Paulo Vaz
as últimas duas décadas, a Indústria Têxtil e Vestuário portuguesa foi do inferno ao céu, para ser novamente projetada no abismo.
Depois da liberalização do comércio internacional e a ascensão da China como player à escala global, reinventou-se para sobreviver, alterando os fundamentos da sua competitividade, apostando na diferenciação e não exclusivamente na eficiência operativa e no preço. A ITV estava no limiar de uma segunda e profunda mudança, ditada pela sustentabilidade, que se tornou mainstream, entrando nas empresas pelos departamentos comerciais. Se o mercado exige, há que responder.
A indústria da moda, nos países mais desenvolvidos e com mercados maduros, estava em finais de 2019 a viver uma crise sem precedentes, pois a quebra sistemática nas vendas das principais marcas de moda tornou-se indisfarçável e a clamar soluções. As mudanças de hábitos de consumo nas gerações mais jovens explicam o fenómeno: maiores preocupações ambientais e com as condições de trabalho nos países produtores, utilização mais prolongada das peças, e a diversificação na aplicação dos rendimentos.
Esta mudança em curso estava a impactar nos modelos de negócio de fast fashion, principais clientes do setor têxtil e vestuário português, que se obrigaram a realizar alterações profundas, pois viram ameaçado o seu futuro. A solução, para muitas das marcas, foi maior investimento no comércio eletrónico e em mercados emergentes de rápido crescimento e de escassa sensibilidade ambiental e social, como o Extremo-Oriente, onde as perspetivas de expansão são ainda exponenciais, com penalização para os negócios na nossa indústria local.
Entretanto, chegou a pandemia da Covid-19 e todo o jogo voltou a ser colocado em causa, até porque, em muitos casos, esta funcionou como um acelerador da História, inflando tendências já em curso e fazendo emergir novas oportunidades. Em concreto: a pandemia fez disparar a digitalização do negócio da moda, criou disrupções na cadeia de valor e de fornecimento dos produtos têxteis e de moda, cuja produção se localiza a milhares de quilómetros, além de colocar em questão da pegada carbónica no transporte de mercadorias, que podem ser baratas para o consumidor final, mas cujo impacto ambiental é insuportável para o planeta.
Tudo isto acrescido da necessidade de se criarem reservas estratégicas de produtos, nomeadamente de proteção sanitária, algo que foi dramaticamente visível nos primeiros meses da pandemia na Europa, recolocando a discussão da necessidade por uma indústria de proximidade nos países mais desenvolvidos, potenciando políticas de reindustrialização que privilegiem a inovação, a digitalização e automação dos processos e a economia circular. Estes são os eixos de toda a política europeia até 2030 e condicionarão todos os investimentos a apoiar pela U.E., seja pelo PRR – Programa de Recuperação e Resiliência, seja pelo novo quadro plurianual, que virá substituir o atual Portugal 2020.

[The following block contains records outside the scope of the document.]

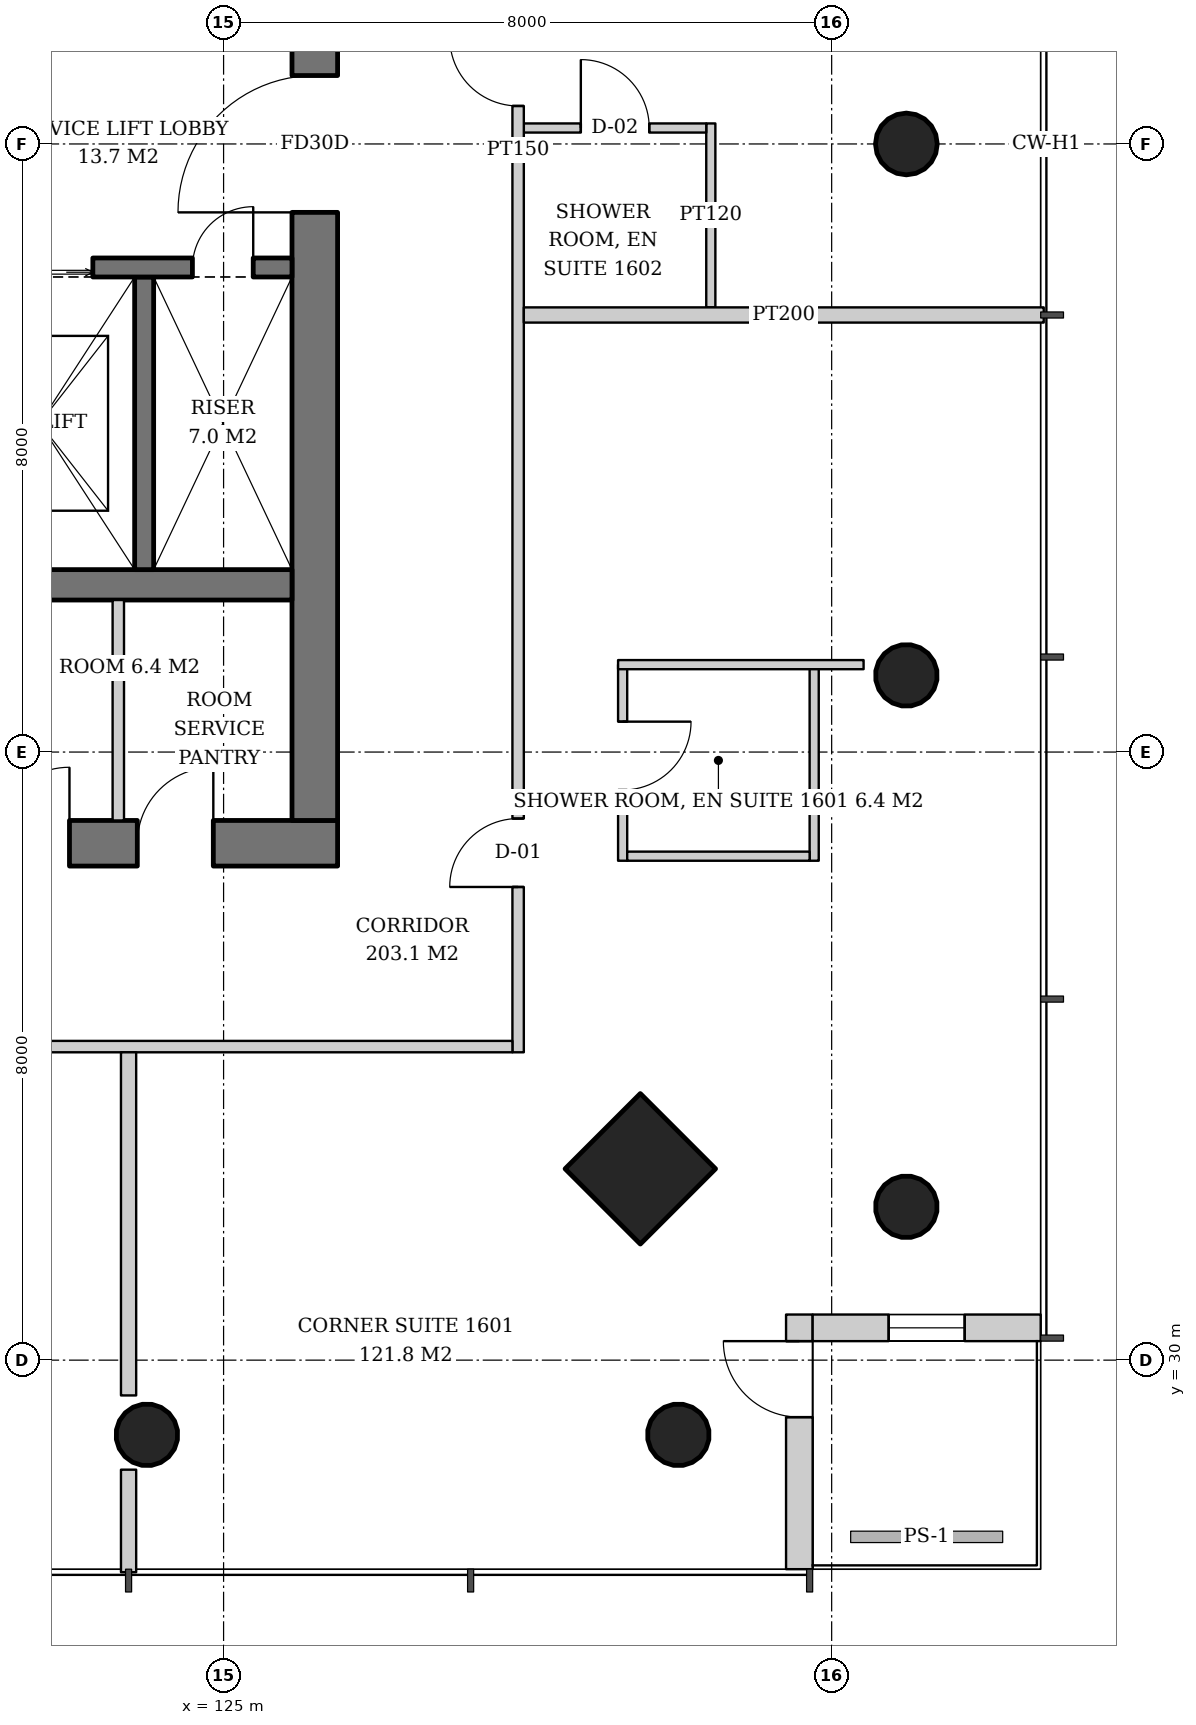
"""IFC4 building model, lengths in metres.
Left out: names, types, materials, properties, quantities, classifications, styles, units other than length and angle.
Written with IfcOpenShell. Run it as: python <this file> out.ifc"""

import sys

from ifc_helpers import new_model, si_unit, direction, frame, frame_2d, origin, origin_2d, place, context, subcontext, project, spatial, rectangle, hollow_circle, extrude, element, fill, save


model = new_model("IFC4")
c1 = context("Model", 3, precision=1e-05, world=origin(), true_north=direction((0.0, 1.0)))
c2 = subcontext(c1, "Body", "Model", "MODEL_VIEW")
j1 = project(units=[si_unit("LENGTHUNIT", "METRE"), si_unit("PLANEANGLEUNIT", "RADIAN")], contexts=[c1])
p1 = place(None, origin())
s1 = spatial("IfcSite", under=j1, at=p1, CompositionType="ELEMENT")
p2 = place(p1, origin())
s2 = spatial("IfcBuilding", under=s1, at=p2, CompositionType="ELEMENT")
p3 = place(p2, frame((0.0, 0.0, 66.6)))
s3 = spatial("IfcBuildingStorey", under=s2, at=p3, CompositionType="ELEMENT", Elevation=66.6)
p4 = place(p3, frame((134.034, 31.966, 0.0), z_axis=(-0.043032401563, 0.043032401563, 0.998146494675), x_axis=(-0.707106781187, -0.707106781187, 0.0)))
e1 = element("IfcColumn", 1, at=p4, inside=s3, PredefinedType="COLUMN", context=c2, shape_type="SweptSolid", body=[
    extrude(hollow_circle(Radius=0.406, WallThickness=0.03, at=origin_2d()), origin(), (0.0, 0.0, 1.0), 3.807),
])
p5 = place(p3, frame((134.034, 38.983, 0.0), z_axis=(-0.043062285527, 0.021563230905, 0.998839660125), x_axis=(-0.44774654769, -0.894160516368, 0.0)))
e2 = element("IfcColumn", 2, at=p5, inside=s3, PredefinedType="COLUMN", context=c2, shape_type="SweptSolid", body=[
    extrude(hollow_circle(Radius=0.406, WallThickness=0.03, at=origin_2d()), origin(), (0.0, 0.0, 1.0), 3.804),
])
p6 = place(p3, frame((134.034, 46.0, 0.0), z_axis=(-0.043072300418, 0.0, 0.999071957837), x_axis=(0.0, -1.0, 0.0)))
e3 = element("IfcColumn", 3, at=p6, inside=s3, PredefinedType="COLUMN", context=c2, shape_type="SweptSolid", body=[
    extrude(hollow_circle(Radius=0.406, WallThickness=0.03, at=origin_2d()), origin(), (0.0, 0.0, 1.0), 3.803),
])
p7 = place(p3, frame((130.534, 32.466, 0.0), z_axis=(-0.043032401563, 0.043032401563, 0.998146494675), x_axis=(-0.707106781187, -0.707106781187, 0.0)))
e4 = element("IfcColumn", 4, at=p7, inside=s3, PredefinedType="COLUMN", context=c2, shape_type="SweptSolid", body=[
    extrude(rectangle(XDim=1.4, YDim=1.4, at=origin_2d()), origin(), (0.0, 0.0, 1.0), 3.807),
])
p8 = place(p3, frame((131.034, 28.966, 0.0), z_axis=(-0.043032401563, 0.043032401563, 0.998146494675), x_axis=(-0.707106781187, -0.707106781187, 0.0)))
e5 = element("IfcColumn", 5, at=p8, inside=s3, PredefinedType="COLUMN", context=c2, shape_type="SweptSolid", body=[
    extrude(hollow_circle(Radius=0.406, WallThickness=0.03, at=origin_2d()), origin(), (0.0, 0.0, 1.0), 3.807),
])
p9 = place(p3, frame((124.017, 28.966, 0.0), z_axis=(-0.021563230905, 0.043062285527, 0.998839660125), x_axis=(-0.894160516368, -0.44774654769, 0.0)))
e6 = element("IfcColumn", 6, at=p9, inside=s3, PredefinedType="COLUMN", context=c2, shape_type="SweptSolid", body=[
    extrude(hollow_circle(Radius=0.406, WallThickness=0.03, at=origin_2d()), origin(), (0.0, 0.0, 1.0), 3.804),
])
p10 = place(p3, frame((107.5, 36.8, 0.0), z_axis=(0.0, 0.0, 1.0), x_axis=(1.0, 0.0, 0.0)))
e7 = element("IfcWall", 7, at=p10, inside=s3, PredefinedType="SHEAR", context=c2, shape_type="SweptSolid", body=[
    extrude(rectangle(XDim=19.0, YDim=0.6, at=frame_2d((9.5, 0.0))), origin(), (0.0, 0.0, 1.0), 3.8),
])
p11 = place(p10, frame((3.9, 0.0, 0.0)))
e8 = element("IfcOpeningElement", 8, at=p11, cuts=e7, PredefinedType="OPENING", context=c2, shape_type="SweptSolid", body=[
    extrude(rectangle(XDim=1.0, YDim=2.1, at=frame_2d((0.5, 1.05))), frame((0.0, 0.31, 0.0), z_axis=(0.0, -1.0, 0.0), x_axis=(1.0, 0.0, 0.0)), (0.0, 0.0, 1.0), 0.62),
])
p12 = place(p10, frame((14.472, 0.0, 0.0)))
e9 = element("IfcOpeningElement", 9, at=p12, cuts=e7, PredefinedType="OPENING", context=c2, shape_type="SweptSolid", body=[
    extrude(rectangle(XDim=1.0, YDim=2.1, at=frame_2d((0.5, 1.05))), frame((0.0, 0.31, 0.0), z_axis=(0.0, -1.0, 0.0), x_axis=(1.0, 0.0, 0.0)), (0.0, 0.0, 1.0), 0.62),
])
p13 = place(p10, frame((16.365, 0.0, 0.0)))
e10 = element("IfcOpeningElement", 10, at=p13, cuts=e7, PredefinedType="OPENING", context=c2, shape_type="SweptSolid", body=[
    extrude(rectangle(XDim=1.0, YDim=2.1, at=frame_2d((0.5, 1.05))), frame((0.0, 0.31, 0.0), z_axis=(0.0, -1.0, 0.0), x_axis=(1.0, 0.0, 0.0)), (0.0, 0.0, 1.0), 0.62),
])
p14 = place(p3, frame((126.2, 37.1, 0.0), z_axis=(0.0, 0.0, 1.0), x_axis=(0.0, 1.0, 0.0)))
e11 = element("IfcWall", 11, at=p14, inside=s3, PredefinedType="SHEAR", context=c2, shape_type="SweptSolid", body=[
    extrude(rectangle(XDim=17.8, YDim=0.6, at=frame_2d((8.9, 0.0))), origin(), (0.0, 0.0, 1.0), 3.8),
])
p15 = place(p14, frame((8.0, 0.0, 0.0)))
e12 = element("IfcOpeningElement", 12, at=p15, cuts=e11, PredefinedType="OPENING", context=c2, shape_type="SweptSolid", body=[
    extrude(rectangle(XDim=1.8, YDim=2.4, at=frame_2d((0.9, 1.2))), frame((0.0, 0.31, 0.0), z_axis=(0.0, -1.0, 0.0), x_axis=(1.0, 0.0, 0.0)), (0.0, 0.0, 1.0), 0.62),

Este é o desafio maior que a ITV tem para esta terceira década do século. O mundo pós-Covid mudou muito e vai mudar mais ainda. A indústria da moda será ainda mais exigente pelo que, para a têxtil e vestuário portuguesa, não restarão muitas opções: mais profissional, mais exigente na sua gestão, mais capitalizada, mais capaz de inovar e surpreender, mas, sobretudo, ter a consciência que, com a pequena dimensão que a generalidade das empresas do setor possuem, não há alternativa do que escalar, através de fusões e aquisições ou de acordos entre empresas, que permitam ter dimensão para competir. Se as empresas não tiverem a humildade e a capacidade para poderem cooperar, ganhando todos, o destino é o orgulhoso isolamento, um inevitável definhamento e um fim sem qualquer glória.
A ITV portuguesa sempre sobreviveu aos desafios mais extremos, surpreendendo pela capacidade com que resiste, reconstrói e adapta às novas realidades. Desta vez não será diferente, apenas mais difícil e mais implacável para aqueles que recusam à mudança, obstinando-se me fazer desta um obstáculo em vez de uma ponte para o futuro.